Redistribution and use in source and binary forms, with or without modification, are permitted provided that the following conditions are met:

  • Redistributions of source code must retain the above copyright notice, this list of conditions and the following disclaimer.
  • Redistributions in binary form must reproduce the above copyright notice, this list of conditions and the following disclaimer in the documentation and/or other materials provided with the distribution.
  • Neither the name of Ben Hoyt nor the names of its contributors may be used to endorse or promote products derived from this software without specific prior written permission.
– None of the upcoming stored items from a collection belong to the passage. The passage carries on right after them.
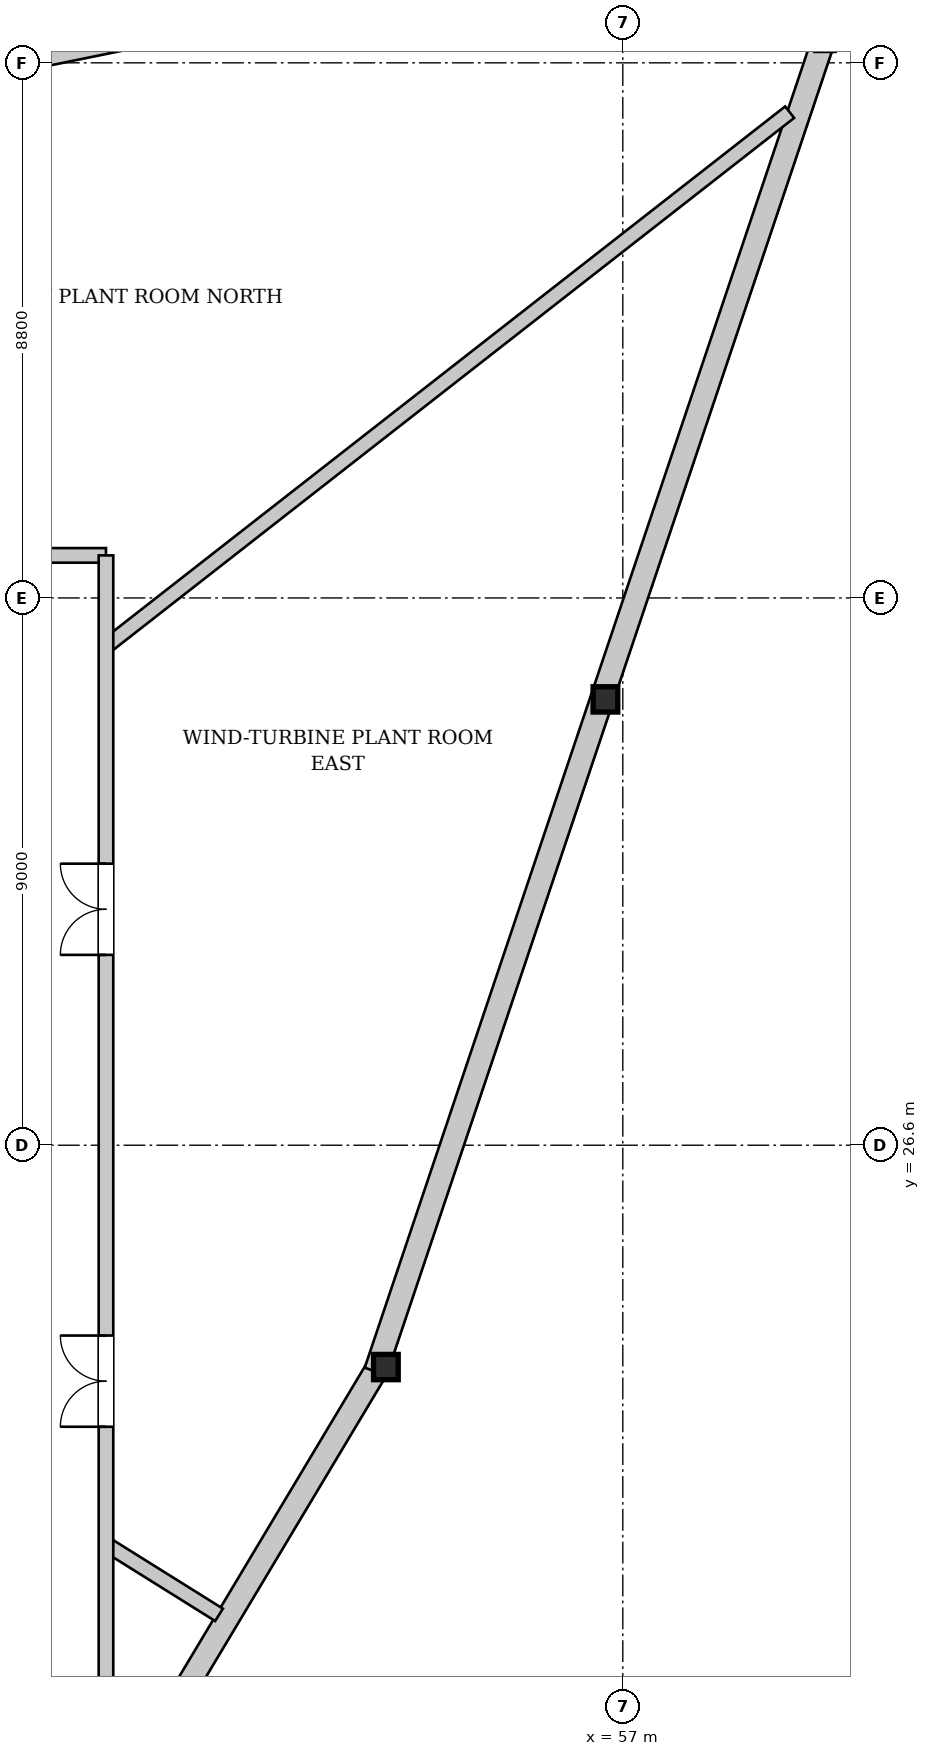
"""IFC4 building model, lengths in metres.
Left out: names, types, materials, properties, quantities, classifications, styles, units other than length and angle.
Written with IfcOpenShell. Run it as: python <this file> out.ifc"""

import sys

from ifc_helpers import new_model, si_unit, direction, frame, frame_2d, origin, origin_2d, place, context, subcontext, project, spatial, rectangle, i_section, extrude, source, transform, mapped, element, fill, save


model = new_model("IFC4")
c1 = context("Model", 3, precision=1e-05, world=origin(), true_north=direction((0.0, 1.0)))
c2 = subcontext(c1, "Body", "Model", "MODEL_VIEW")
j1 = project(units=[si_unit("LENGTHUNIT", "METRE"), si_unit("PLANEANGLEUNIT", "RADIAN")], contexts=[c1])
p1 = place(None, origin())
s1 = spatial("IfcSite", under=j1, at=p1, CompositionType="ELEMENT")
p2 = place(p1, origin())
s2 = spatial("IfcBuilding", under=s1, at=p2, CompositionType="ELEMENT")
p3 = place(p2, frame((0.0, 0.0, 204.3)))
s3 = spatial("IfcBuildingStorey", under=s2, at=p3, CompositionType="ELEMENT", Elevation=204.3)
m1 = source(origin(), c2, "Body", "SweptSolid", [
    extrude(i_section(OverallWidth=0.305, OverallDepth=0.62, WebThickness=0.021, FlangeThickness=0.04, at=origin_2d()), origin(), (0.0, 0.0, 1.0), 5.157),
])
p4 = place(p3, frame((60.492, 44.744, 0.0), z_axis=(-0.064577863285, 0.064956619082, 0.995796333198), x_axis=(-0.709171313301, -0.705036203603, 0.0)))
e1 = element("IfcColumn", 1, at=p4, inside=s3, PredefinedType="COLUMN", context=c2, shape_type="MappedRepresentation", body=[
    mapped(m1, transform((0.0, 0.0, 0.0), x_axis=(1.0, 0.0, 0.0), y_axis=(0.0, 1.0, 0.0), z_axis=(0.0, 0.0, 1.0), scale=1.0)),
])
m2 = source(origin(), c2, "Body", "SweptSolid", [
    extrude(i_section(OverallWidth=0.406, OverallDepth=0.416, WebThickness=0.027, FlangeThickness=0.042, at=origin_2d()), origin(), (0.0, 0.0, 1.0), 5.142),
])
p5 = place(p3, frame((53.115, 22.819, 0.0), z_axis=(-0.004605605152, 0.051611265979, 0.998656630492), x_axis=(-0.996042052378, -0.088883237425, 0.0)))
e2 = element("IfcColumn", 2, at=p5, inside=s3, PredefinedType="COLUMN", context=c2, shape_type="MappedRepresentation", body=[
    mapped(m2, transform((0.0, 0.0, 0.0), x_axis=(1.0, 0.0, 0.0), y_axis=(0.0, 1.0, 0.0), z_axis=(0.0, 0.0, 1.0), scale=1.0)),
])
m3 = source(origin(), c2, "Body", "SweptSolid", [
    extrude(i_section(OverallWidth=0.406, OverallDepth=0.416, WebThickness=0.027, FlangeThickness=0.042, at=origin_2d()), origin(), (0.0, 0.0, 1.0), 5.147),
])
p6 = place(p3, frame((56.803, 33.782, 0.0), z_axis=(-0.034627486329, 0.058297507806, 0.997698520483), x_axis=(-0.859768358952, -0.510684216464, 0.0)))
e3 = element("IfcColumn", 3, at=p6, inside=s3, PredefinedType="COLUMN", context=c2, shape_type="MappedRepresentation", body=[
    mapped(m3, transform((0.0, 0.0, 0.0), x_axis=(1.0, 0.0, 0.0), y_axis=(0.0, 1.0, 0.0), z_axis=(0.0, 0.0, 1.0), scale=1.0)),
])
p7 = place(p3, frame((52.952, 22.917, 0.0), z_axis=(0.0, 0.0, 1.0), x_axis=(-0.51363254846, -0.858010259357, 0.0)))
e4 = element("IfcWall", 4, at=p7, inside=s3, PredefinedType="SOLIDWALL", context=c2, shape_type="SweptSolid", body=[
    extrude(rectangle(XDim=23.133, YDim=0.38, at=frame_2d((11.566, 0.0))), origin(), (0.0, 0.0, 1.0), 4.572),
])
p8 = place(p3, frame((36.438, 42.275, 0.0), z_axis=(0.0, 0.0, 1.0), x_axis=(0.979770307464, 0.200125322264, 0.0)))
e5 = element("IfcWall", 5, at=p8, inside=s3, PredefinedType="SOLIDWALL", context=c2, shape_type="SweptSolid", body=[
    extrude(rectangle(XDim=22.569, YDim=0.38, at=frame_2d((11.284, 0.0))), origin(), (0.0, 0.0, 1.0), 4.572),
])
p9 = place(p3, frame((58.37, 46.852, 0.0), z_axis=(0.0, 0.0, 1.0), x_axis=(0.663286689739, -0.748365396859, 0.0)))
e6 = element("IfcWall", 6, at=p9, inside=s3, PredefinedType="SOLIDWALL", context=c2, shape_type="SweptSolid", body=[
    extrude(rectangle(XDim=2.984, YDim=0.38, at=frame_2d((1.492, 0.0))), origin(), (0.0, 0.0, 1.0), 4.572),
])
p10 = place(p3, frame((60.312, 44.805, 0.0), z_axis=(0.0, 0.0, 1.0), x_axis=(-0.318870334395, -0.947798348724, 0.0)))
e7 = element("IfcWall", 7, at=p10, inside=s3, PredefinedType="SOLIDWALL", context=c2, shape_type="SweptSolid", body=[
    extrude(rectangle(XDim=23.132, YDim=0.38, at=frame_2d((11.566, 0.0))), origin(), (0.0, 0.0, 1.0), 4.572),
])
p11 = place(p3, frame((48.5, 20.039, 0.0), z_axis=(0.0, 0.0, 1.0), x_axis=(0.848067119761, -0.529888818887, 0.0)))
e8 = element("IfcWall", 8, at=p11, inside=s3, PredefinedType="PARTITIONING", context=c2, shape_type="SweptSolid", body=[
    extrude(rectangle(XDim=2.192, YDim=0.24, at=frame_2d((1.096, 0.0))), origin(), (0.0, 0.0, 1.0), 5.08),
])
p12 = place(p3, frame((48.5, 34.803, 0.0), z_axis=(0.0, 0.0, 1.0), x_axis=(0.788009847279, 0.615662635371, 0.0)))
e9 = element("IfcWall", 9, at=p12, inside=s3, PredefinedType="PARTITIONING", context=c2, shape_type="SweptSolid", body=[
    extrude(rectangle(XDim=14.269, YDim=0.24, at=frame_2d((7.135, 0.0))), origin(), (0.0, 0.0, 1.0), 5.08),
])
p13 = place(p3, frame((27.5, 36.3, 0.0), z_axis=(0.0, 0.0, 1.0), x_axis=(1.0, 0.0, 0.0)))
e10 = element("IfcWall", 10, at=p13, inside=s3, PredefinedType="PARTITIONING", context=c2, shape_type="SweptSolid", body=[
    extrude(rectangle(XDim=21.0, YDim=0.24, at=frame_2d((10.5, 0.0))), origin(), (0.0, 0.0, 1.0), 5.08),
])
p14 = place(p13, frame((4.75, 0.0, 0.0)))
e11 = element("IfcOpeningElement", 11, at=p14, cuts=e10, PredefinedType="OPENING", context=c2, shape_type="SweptSolid", body=[
    extrude(rectangle(XDim=1.5, YDim=2.25, at=frame_2d((0.75, 1.125))), frame((0.0, 0.13, 0.0), z_axis=(0.0, -1.0, 0.0), x_axis=(1.0, 0.0, 0.0)), (0.0, 0.0, 1.0), 0.26),
])
p15 = place(p13, frame((13.95, 0.0, 0.0)))
e12 = element("IfcOpeningElement", 12, at=p15, cuts=e10, PredefinedType="OPENING", context=c2, shape_type="SweptSolid", body=[
    extrude(rectangle(XDim=1.5, YDim=2.25, at=frame_2d((0.75, 1.125))), frame((0.0, 0.13, 0.0), z_axis=(0.0, -1.0, 0.0), x_axis=(1.0, 0.0, 0.0)), (0.0, 0.0, 1.0), 0.26),
])
p16 = place(p3, frame((48.5, 16.9, 0.0), z_axis=(0.0, 0.0, 1.0), x_axis=(0.0, 1.0, 0.0)))
e13 = element("IfcWall", 13, at=p16, inside=s3, PredefinedType="PARTITIONING", context=c2, shape_type="SweptSolid", body=[
    extrude(rectangle(XDim=19.4, YDim=0.24, at=frame_2d((9.7, 0.0))), origin(), (0.0, 0.0, 1.0), 5.08),
])
p17 = place(p16, frame((5.07, 0.0, 0.0)))
e14 = element("IfcOpeningElement", 14, at=p17, cuts=e13, PredefinedType="OPENING", context=c2, shape_type="SweptSolid", body=[
    extrude(rectangle(XDim=1.5, YDim=2.25, at=frame_2d((0.75, 1.125))), frame((0.0, 0.13, 0.0), z_axis=(0.0, -1.0, 0.0), x_axis=(1.0, 0.0, 0.0)), (0.0, 0.0, 1.0), 0.26),
])
p18 = place(p16, frame((12.83, 0.0, 0.0)))
e15 = element("IfcOpeningElement", 15, at=p18, cuts=e13, PredefinedType="OPENING", context=c2, shape_type="SweptSolid", body=[
    extrude(rectangle(XDim=1.5, YDim=2.25, at=frame_2d((0.75, 1.125))), frame((0.0, 0.13, 0.0), z_axis=(0.0, -1.0, 0.0), x_axis=(1.0, 0.0, 0.0)), (0.0, 0.0, 1.0), 0.26),
])
m4 = source(origin(), c2, "Body", "SweptSolid", [
    extrude(rectangle(XDim=1.5, YDim=2.25, at=frame_2d((0.75, 1.125))), frame((0.0, 0.025, 0.0), z_axis=(0.0, -1.0, 0.0), x_axis=(1.0, 0.0, 0.0)), (0.0, 0.0, 1.0), 0.05),
])
p19 = place(p17, origin())
e16 = element("IfcDoor", 16, at=p19, inside=s3, OperationType="DOUBLE_DOOR_SINGLE_SWING", PredefinedType="DOOR", context=c2, shape_type="MappedRepresentation", body=[
    mapped(m4, transform((0.0, 0.0, 0.0), x_axis=(1.0, 0.0, 0.0), y_axis=(0.0, 1.0, 0.0), z_axis=(0.0, 0.0, 1.0), scale=1.0)),
])
fill(e14, e16)
p20 = place(p18, origin())
e17 = element("IfcDoor", 17, at=p20, inside=s3, OperationType="DOUBLE_DOOR_SINGLE_SWING", PredefinedType="DOOR", context=c2, shape_type="MappedRepresentation", body=[
    mapped(m4, transform((0.0, 0.0, 0.0), x_axis=(1.0, 0.0, 0.0), y_axis=(0.0, 1.0, 0.0), z_axis=(0.0, 0.0, 1.0), scale=1.0)),
])
fill(e15, e17)
save(model, sys.argv[1])

THIS SOFTWARE IS PROVIDED BY BEN HOYT ''AS IS'' AND ANY EXPRESS OR IMPLIED WARRANTIES, INCLUDING, BUT NOT LIMITED TO, THE IMPLIED WARRANTIES OF MERCHANTABILITY AND FITNESS FOR A PARTICULAR PURPOSE ARE DISCLAIMED. IN NO EVENT SHALL BEN HOYT BE LIABLE FOR ANY DIRECT, INDIRECT, INCIDENTAL, SPECIAL, EXEMPLARY, OR CONSEQUENTIAL DAMAGES (INCLUDING, BUT NOT LIMITED TO, PROCUREMENT OF SUBSTITUTE GOODS OR SERVICES; LOSS OF USE, DATA, OR PROFITS; OR BUSINESS INTERRUPTION) HOWEVER CAUSED AND ON ANY THEORY OF LIABILITY, WHETHER IN CONTRACT, STRICT LIABILITY, OR TORT (INCLUDING NEGLIGENCE OR OTHERWISE) ARISING IN ANY WAY OUT OF THE USE OF THIS SOFTWARE, EVEN IF ADVISED OF THE POSSIBILITY OF SUCH DAMAGE.